10. Pearl Jam - "Master/Slave"

Featured on Pearl Jam's monumental debut "Ten," the "Master/Slave" track serves as both the record's opener and closer. The tune's an instrumental and is primarily driven by Jeff Ament's fretless bass line.

9. System of a Down - "Arto"

Located as a part of SOAD's "Aerials" studio version, "Arto" extends the famous tune by well over two minutes, featuring an Armenian musician Arto Tuncboyaciyan performing a traditional Church hymn, "Der Voghormya" ("Lord Have Mercy") with the rest of the band.

8. Kyuss - "Lick My Doo"

You know that you can and will ... 'Tis a catchy ditty, comes off Kyuss' "Welcome to Sky Valley."

7. Tenacious D - "Malibu Nights"

Up next is the deadly duo ending their eponymous 2001 release with "Malibu Nights."

6. The Beatles - "Her Majesty"

Arguably the first example of a hidden track in rock history, the Beatles' "Her Majesty" comes as a concealed closer of "Abbey Road." The song was originally intended to be placed between "Mean Mr. Mustard" and "Polythene Pam," but just didn't work for Sir Paul McCartney, who demanded that the track is destroyed. But here's the cool bit - EMI policy strictly states that no Beatles recording can ever be destroyed.

5. Green Day - "All By Myself"

Now here's the reason why you should never give a mic to a drummer! Just kiddin'; "All By Myself" comes as a hidden track from Green Day's "Dookie" and was fully composed and performed by drummer Tre Cool, who handled both guitar and vocal duties.
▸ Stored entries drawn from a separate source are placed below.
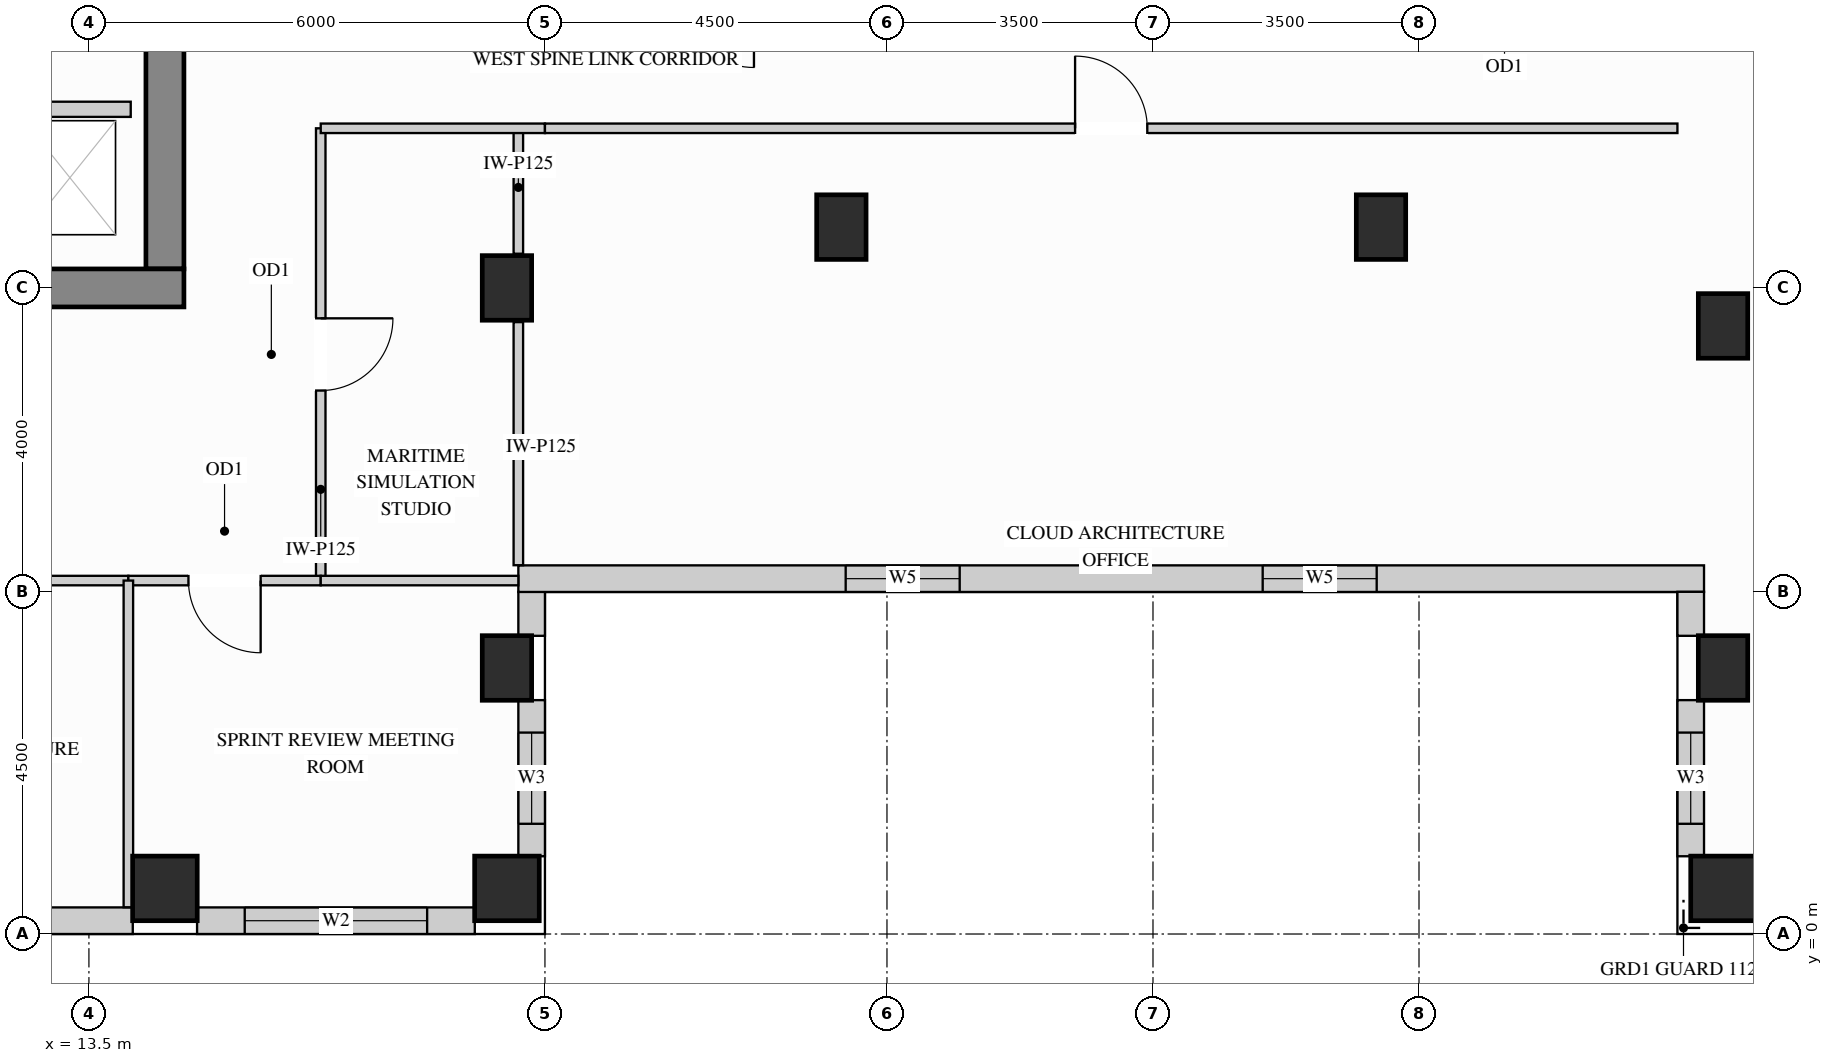
"""IFC4 building model, lengths in metres.
Left out: names, types, materials, properties, quantities, classifications, styles, units other than length and angle.
Written with IfcOpenShell. Run it as: python <this file> out.ifc"""

import sys

from ifc_helpers import new_model, si_unit, direction, frame, frame_2d, origin, origin_2d, place, context, subcontext, project, spatial, rectangle, extrude, source, transform, mapped, element, fill, save


model = new_model("IFC4")
c1 = context("Model", 3, precision=1e-05, world=origin(), true_north=direction((0.0, 1.0)))
c2 = subcontext(c1, "Body", "Model", "MODEL_VIEW")
j1 = project(units=[si_unit("LENGTHUNIT", "METRE"), si_unit("PLANEANGLEUNIT", "RADIAN")], contexts=[c1])
p1 = place(None, origin())
s1 = spatial("IfcSite", under=j1, at=p1, CompositionType="ELEMENT")
p2 = place(p1, origin())
s2 = spatial("IfcBuilding", under=s1, at=p2, CompositionType="ELEMENT")
p3 = place(p2, frame((0.0, 0.0, 212.4)))
s3 = spatial("IfcBuildingStorey", under=s2, at=p3, CompositionType="ELEMENT", Elevation=212.4)
m1 = source(origin(), c2, "Body", "SweptSolid", [
    extrude(rectangle(XDim=0.65, YDim=0.85, at=origin_2d()), origin(), (0.0, 0.0, 1.0), 3.4),
])
for number, where, z_axis, x_axis in (
    (1, (19.0, 3.5, 0.0), (0.0, 0.0, 1.0), (1.0, 0.0, 0.0)),
    (2, (19.0, 8.5, 0.0), (0.0, 0.0, 1.0), (1.0, 0.0, 0.0)),
    (3, (35.0, 3.5, 0.0), (0.0, 0.0, 1.0), (1.0, 0.0, 0.0)),
    (4, (35.0, 8.0, 0.0), (0.0, 0.0, 1.0), (1.0, 0.0, 0.0)),
    (5, (23.4, 9.3, 0.0), (0.0, 0.0, 1.0), (1.0, 0.0, 0.0)),
    (6, (30.5, 9.3, 0.0), (0.0, 0.0, 1.0), (1.0, 0.0, 0.0)),
):
    element("IfcColumn", number, at=place(p3, frame(where, z_axis=z_axis, x_axis=x_axis)), inside=s3, PredefinedType="COLUMN", context=c2, shape_type="MappedRepresentation", body=[
        mapped(m1, transform((0.0, 0.0, 0.0), x_axis=(1.0, 0.0, 0.0), y_axis=(0.0, 1.0, 0.0), z_axis=(0.0, 0.0, 1.0))),
    ])
m2 = source(origin(), c2, "Body", "SweptSolid", [
    extrude(rectangle(XDim=0.85, YDim=0.85, at=origin_2d()), origin(), (0.0, 0.0, 1.0), 3.4),
])
for number, where, z_axis, x_axis in (
    (7, (14.5, 0.6, 0.0), (0.0, 0.0, 1.0), (1.0, 0.0, 0.0)),
    (8, (19.0, 0.6, 0.0), (0.0, 0.0, 1.0), (1.0, 0.0, 0.0)),
    (9, (35.0, 0.6, 0.0), (0.0, 0.0, 1.0), (1.0, 0.0, 0.0)),
):
    element("IfcColumn", number, at=place(p3, frame(where, z_axis=z_axis, x_axis=x_axis)), inside=s3, PredefinedType="COLUMN", context=c2, shape_type="MappedRepresentation", body=[
        mapped(m2, transform((0.0, 0.0, 0.0), x_axis=(1.0, 0.0, 0.0), y_axis=(0.0, 1.0, 0.0), z_axis=(0.0, 0.0, 1.0))),
    ])
m3 = source(origin(), c2, "Body", "SweptSolid", [
    extrude(rectangle(XDim=10.07, YDim=0.5, at=frame_2d((5.035, 0.0))), origin(), (0.0, 0.0, 1.0), 3.4),
])
p4 = place(p3, frame((14.5, 8.75, 0.0), z_axis=(0.0, 0.0, 1.0), x_axis=(0.0, 1.0, 0.0)))
e10 = element("IfcWall", 10, at=p4, inside=s3, PredefinedType="SHEAR", context=c2, shape_type="MappedRepresentation", body=[
    mapped(m3, transform((0.0, 0.0, 0.0), x_axis=(1.0, 0.0, 0.0), y_axis=(0.0, 1.0, 0.0), z_axis=(0.0, 0.0, 1.0))),
])
m4 = source(origin(), c2, "Body", "SweptSolid", [
    extrude(rectangle(XDim=10.5, YDim=0.5, at=frame_2d((5.25, 0.0))), origin(), (0.0, 0.0, 1.0), 3.4),
])
p5 = place(p3, frame((4.25, 8.5, 0.0), z_axis=(0.0, 0.0, 1.0), x_axis=(1.0, 0.0, 0.0)))
e11 = element("IfcWall", 11, at=p5, inside=s3, PredefinedType="SHEAR", context=c2, shape_type="MappedRepresentation", body=[
    mapped(m4, transform((0.0, 0.0, 0.0), x_axis=(1.0, 0.0, 0.0), y_axis=(0.0, 1.0, 0.0), z_axis=(0.0, 0.0, 1.0))),
])
p6 = place(p3, frame((9.423, 0.175, 0.0), z_axis=(0.0, 0.0, 1.0), x_axis=(1.0, 0.0, 0.0)))
e12 = element("IfcWall", 12, at=p6, inside=s3, PredefinedType="SOLIDWALL", context=c2, shape_type="SweptSolid", body=[
    extrude(rectangle(XDim=4.654, YDim=0.35, at=frame_2d((2.327, 0.0))), origin(), (0.0, 0.0, 1.0), 3.385),
])
p7 = place(p6, frame((1.127, 0.0, 0.78)))
e13 = element("IfcOpeningElement", 13, at=p7, cuts=e12, PredefinedType="OPENING", context=c2, shape_type="SweptSolid", body=[
    extrude(rectangle(XDim=2.4, YDim=2.1, at=frame_2d((1.2, 1.05))), frame((0.0, 0.185, 0.0), z_axis=(0.0, -1.0, 0.0), x_axis=(1.0, 0.0, 0.0)), (0.0, 0.0, 1.0), 0.37),
])
p8 = place(p3, frame((14.923, 0.175, 0.0), z_axis=(0.0, 0.0, 1.0), x_axis=(1.0, 0.0, 0.0)))
e14 = element("IfcWall", 14, at=p8, inside=s3, PredefinedType="SOLIDWALL", context=c2, shape_type="SweptSolid", body=[
    extrude(rectangle(XDim=3.654, YDim=0.35, at=frame_2d((1.827, 0.0))), origin(), (0.0, 0.0, 1.0), 3.385),
])
p9 = place(p8, frame((0.627, 0.0, 0.78)))
e15 = element("IfcOpeningElement", 15, at=p9, cuts=e14, PredefinedType="OPENING", context=c2, shape_type="SweptSolid", body=[
    extrude(rectangle(XDim=2.4, YDim=2.1, at=frame_2d((1.2, 1.05))), frame((0.0, 0.185, 0.0), z_axis=(0.0, -1.0, 0.0), x_axis=(1.0, 0.0, 0.0)), (0.0, 0.0, 1.0), 0.37),
])
p10 = place(p3, frame((19.325, 1.023, 0.0), z_axis=(0.0, 0.0, 1.0), x_axis=(0.0, 1.0, 0.0)))
e16 = element("IfcWall", 16, at=p10, inside=s3, PredefinedType="SOLIDWALL", context=c2, shape_type="SweptSolid", body=[
    extrude(rectangle(XDim=2.054, YDim=0.35, at=frame_2d((1.027, 0.0))), origin(), (0.0, 0.0, 1.0), 2.619),
])
p11 = place(p10, frame((0.427, 0.0, 0.78)))
e17 = element("IfcOpeningElement", 17, at=p11, cuts=e16, PredefinedType="OPENING", context=c2, shape_type="SweptSolid", body=[
    extrude(rectangle(XDim=1.2, YDim=1.659, at=frame_2d((0.6, 0.83))), frame((0.0, 0.185, 0.0), z_axis=(0.0, -1.0, 0.0), x_axis=(1.0, 0.0, 0.0)), (0.0, 0.0, 1.0), 0.37),
])
m5 = source(origin(), c2, "Body", "SweptSolid", [
    extrude(rectangle(XDim=0.579, YDim=0.35, at=frame_2d((0.29, 0.0))), origin(), (0.0, 0.0, 1.0), 2.773),
])
p12 = place(p3, frame((19.325, 3.923, 0.0), z_axis=(0.0, 0.0, 1.0), x_axis=(0.0, 1.0, 0.0)))
e18 = element("IfcWall", 18, at=p12, inside=s3, PredefinedType="SOLIDWALL", context=c2, shape_type="MappedRepresentation", body=[
    mapped(m5, transform((0.0, 0.0, 0.0), x_axis=(1.0, 0.0, 0.0), y_axis=(0.0, 1.0, 0.0), z_axis=(0.0, 0.0, 1.0))),
])
p13 = place(p3, frame((19.15, 4.675, 0.0), z_axis=(0.0, 0.0, 1.0), x_axis=(1.0, 0.0, 0.0)))
e19 = element("IfcWall", 19, at=p13, inside=s3, PredefinedType="SOLIDWALL", context=c2, shape_type="SweptSolid", body=[
    extrude(rectangle(XDim=15.6, YDim=0.35, at=frame_2d((7.8, 0.0))), origin(), (0.0, 0.0, 1.0), 3.385),
])
p14 = place(p13, frame((4.307, 0.0, 0.78)))
e20 = element("IfcOpeningElement", 20, at=p14, cuts=e19, PredefinedType="OPENING", context=c2, shape_type="SweptSolid", body=[
    extrude(rectangle(XDim=1.5, YDim=2.0, at=frame_2d((0.75, 1.0))), frame((0.0, 0.185, 0.0), z_axis=(0.0, -1.0, 0.0), x_axis=(1.0, 0.0, 0.0)), (0.0, 0.0, 1.0), 0.37),
])
p15 = place(p13, frame((9.793, 0.0, 0.78)))
e21 = element("IfcOpeningElement", 21, at=p15, cuts=e19, PredefinedType="OPENING", context=c2, shape_type="SweptSolid", body=[
    extrude(rectangle(XDim=1.5, YDim=2.0, at=frame_2d((0.75, 1.0))), frame((0.0, 0.185, 0.0), z_axis=(0.0, -1.0, 0.0), x_axis=(1.0, 0.0, 0.0)), (0.0, 0.0, 1.0), 0.37),
])
m6 = source(origin(), c2, "Body", "SweptSolid", [
    extrude(rectangle(XDim=0.579, YDim=0.35, at=frame_2d((0.29, 0.0))), origin(), (0.0, 0.0, 1.0), 3.385),
])
p16 = place(p3, frame((34.575, 4.502, 0.0), z_axis=(0.0, 0.0, 1.0), x_axis=(0.0, -1.0, 0.0)))
e22 = element("IfcWall", 22, at=p16, inside=s3, PredefinedType="SOLIDWALL", context=c2, shape_type="MappedRepresentation", body=[
    mapped(m6, transform((0.0, 0.0, 0.0), x_axis=(1.0, 0.0, 0.0), y_axis=(0.0, 1.0, 0.0), z_axis=(0.0, 0.0, 1.0))),
])
p17 = place(p3, frame((34.575, 3.077, 0.0), z_axis=(0.0, 0.0, 1.0), x_axis=(0.0, -1.0, 0.0)))
e23 = element("IfcWall", 23, at=p17, inside=s3, PredefinedType="SOLIDWALL", context=c2, shape_type="SweptSolid", body=[
    extrude(rectangle(XDim=2.054, YDim=0.35, at=frame_2d((1.027, 0.0))), origin(), (0.0, 0.0, 1.0), 3.385),
])
p18 = place(p17, frame((0.427, 0.0, 0.78)))
e24 = element("IfcOpeningElement", 24, at=p18, cuts=e23, PredefinedType="OPENING", context=c2, shape_type="SweptSolid", body=[
    extrude(rectangle(XDim=1.2, YDim=2.0, at=frame_2d((0.6, 1.0))), frame((0.0, 0.185, 0.0), z_axis=(0.0, -1.0, 0.0), x_axis=(1.0, 0.0, 0.0)), (0.0, 0.0, 1.0), 0.37),
])
m7 = source(origin(), c2, "Body", "SweptSolid", [
    extrude(rectangle(XDim=3.198, YDim=0.125, at=frame_2d((1.599, 0.0))), origin(), (0.0, 0.0, 1.0), 2.773),
])
p19 = place(p3, frame((19.15, 4.852, 0.0), z_axis=(0.0, 0.0, 1.0), x_axis=(0.0, 1.0, 0.0)))
e25 = element("IfcWall", 25, at=p19, inside=s3, PredefinedType="PARTITIONING", context=c2, shape_type="MappedRepresentation", body=[
    mapped(m7, transform((0.0, 0.0, 0.0), x_axis=(1.0, 0.0, 0.0), y_axis=(0.0, 1.0, 0.0), z_axis=(0.0, 0.0, 1.0))),
])
m8 = source(origin(), c2, "Body", "SweptSolid", [
    extrude(rectangle(XDim=1.65, YDim=0.125, at=frame_2d((0.825, 0.0))), origin(), (0.0, 0.0, 1.0), 2.773),
])
p20 = place(p3, frame((19.15, 8.95, 0.0), z_axis=(0.0, 0.0, 1.0), x_axis=(0.0, 1.0, 0.0)))
e26 = element("IfcWall", 26, at=p20, inside=s3, PredefinedType="PARTITIONING", context=c2, shape_type="MappedRepresentation", body=[
    mapped(m8, transform((0.0, 0.0, 0.0), x_axis=(1.0, 0.0, 0.0), y_axis=(0.0, 1.0, 0.0), z_axis=(0.0, 0.0, 1.0))),
])
p21 = place(p3, frame((16.55, 4.65, 0.0), z_axis=(0.0, 0.0, 1.0), x_axis=(0.0, 1.0, 0.0)))
e27 = element("IfcWall", 27, at=p21, inside=s3, PredefinedType="PARTITIONING", context=c2, shape_type="SweptSolid", body=[
    extrude(rectangle(XDim=5.95, YDim=0.125, at=frame_2d((2.975, 0.0))), origin(), (0.0, 0.0, 1.0), 3.385),
])
p22 = place(p21, frame((2.5, 0.0, 0.0)))
e28 = element("IfcOpeningElement", 28, at=p22, cuts=e27, PredefinedType="OPENING", context=c2, shape_type="SweptSolid", body=[
    extrude(rectangle(XDim=0.95, YDim=2.15, at=frame_2d((0.475, 1.075))), frame((0.0, 0.073, 0.0), z_axis=(0.0, -1.0, 0.0), x_axis=(1.0, 0.0, 0.0)), (0.0, 0.0, 1.0), 0.145),
])
m9 = source(origin(), c2, "Body", "SweptSolid", [
    extrude(rectangle(XDim=2.95, YDim=0.125, at=frame_2d((1.475, 0.0))), origin(), (0.0, 0.0, 1.0), 3.385),
])
p23 = place(p3, frame((16.55, 10.6, 0.0), z_axis=(0.0, 0.0, 1.0), x_axis=(1.0, 0.0, 0.0)))
e29 = element("IfcWall", 29, at=p23, inside=s3, PredefinedType="PARTITIONING", context=c2, shape_type="MappedRepresentation", body=[
    mapped(m9, transform((0.0, 0.0, 0.0), x_axis=(1.0, 0.0, 0.0), y_axis=(0.0, 1.0, 0.0), z_axis=(0.0, 0.0, 1.0))),
])
p24 = place(p3, frame((19.5, 10.6, 0.0), z_axis=(0.0, 0.0, 1.0), x_axis=(1.0, 0.0, 0.0)))
e30 = element("IfcWall", 30, at=p24, inside=s3, PredefinedType="PARTITIONING", context=c2, shape_type="SweptSolid", body=[
    extrude(rectangle(XDim=14.9, YDim=0.125, at=frame_2d((7.45, 0.0))), origin(), (0.0, 0.0, 1.0), 3.385),
])
p25 = place(p24, frame((6.975, 0.0, 0.0)))
e31 = element("IfcOpeningElement", 31, at=p25, cuts=e30, PredefinedType="OPENING", context=c2, shape_type="SweptSolid", body=[
    extrude(rectangle(XDim=0.95, YDim=2.15, at=frame_2d((0.475, 1.075))), frame((0.0, 0.073, 0.0), z_axis=(0.0, -1.0, 0.0), x_axis=(1.0, 0.0, 0.0)), (0.0, 0.0, 1.0), 0.145),
])
p26 = place(p3, frame((8.227, 4.65, 0.0), z_axis=(0.0, 0.0, 1.0), x_axis=(1.0, 0.0, 0.0)))
e32 = element("IfcWall", 32, at=p26, inside=s3, PredefinedType="PARTITIONING", context=c2, shape_type="SweptSolid", body=[
    extrude(rectangle(XDim=5.792, YDim=0.125, at=frame_2d((2.896, 0.0))), origin(), (0.0, 0.0, 1.0), 2.848),
])
p27 = place(p26, frame((2.421, 0.0, 0.0)))
e33 = element("IfcOpeningElement", 33, at=p27, cuts=e32, PredefinedType="OPENING", context=c2, shape_type="SweptSolid", body=[
    extrude(rectangle(XDim=0.95, YDim=2.15, at=frame_2d((0.475, 1.075))), frame((0.0, 0.073, 0.0), z_axis=(0.0, -1.0, 0.0), x_axis=(1.0, 0.0, 0.0)), (0.0, 0.0, 1.0), 0.145),
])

4. Queens of the Stone Age - "A Real Song for the Deaf"

"Huh? What?" In case you want to hear this one, you'll need to rewind the "Songs for the Deaf" opener to -1:33. It's called the pregap, go figure.

3. Blink-182 - "F--k a Dog"

Some profound lyrics we have here. But here's the cool bit - back around 2001, MCA Records executives have met Blink-182 to hear their highly-anticipated new album, the one that would ultimately become "Take Off Your Pants and Jacket." Instead of playing them the actual album, the trio gave the execs two spoof songs - "F--k a Dog" and "When You F--ked Hitler." The response must have been priceless.

2. Nirvana - "Endless, Nameless"

Back before the internet days, this one was really quite a rarity, as there weren't much ways to hear it. "Endless, Nameless" was buried deep on Nirvana's classic "Nevermind" and wasn't even included on every copy of the record.

1. Tool - "Viginti Tres / Wings for Marie / 10,000 Days"

As always, if you need your mind blown, address Tool. Rather than just shoving a hidden track somewhere on the album, the guys took a different approach - if you were to play "Viginti Tres," "Wings for Marie" and "10,000 Days" at the same time, you would get a brand new song, everything adds up perfectly, making this one without a doubt the greatest hidden gem of all time.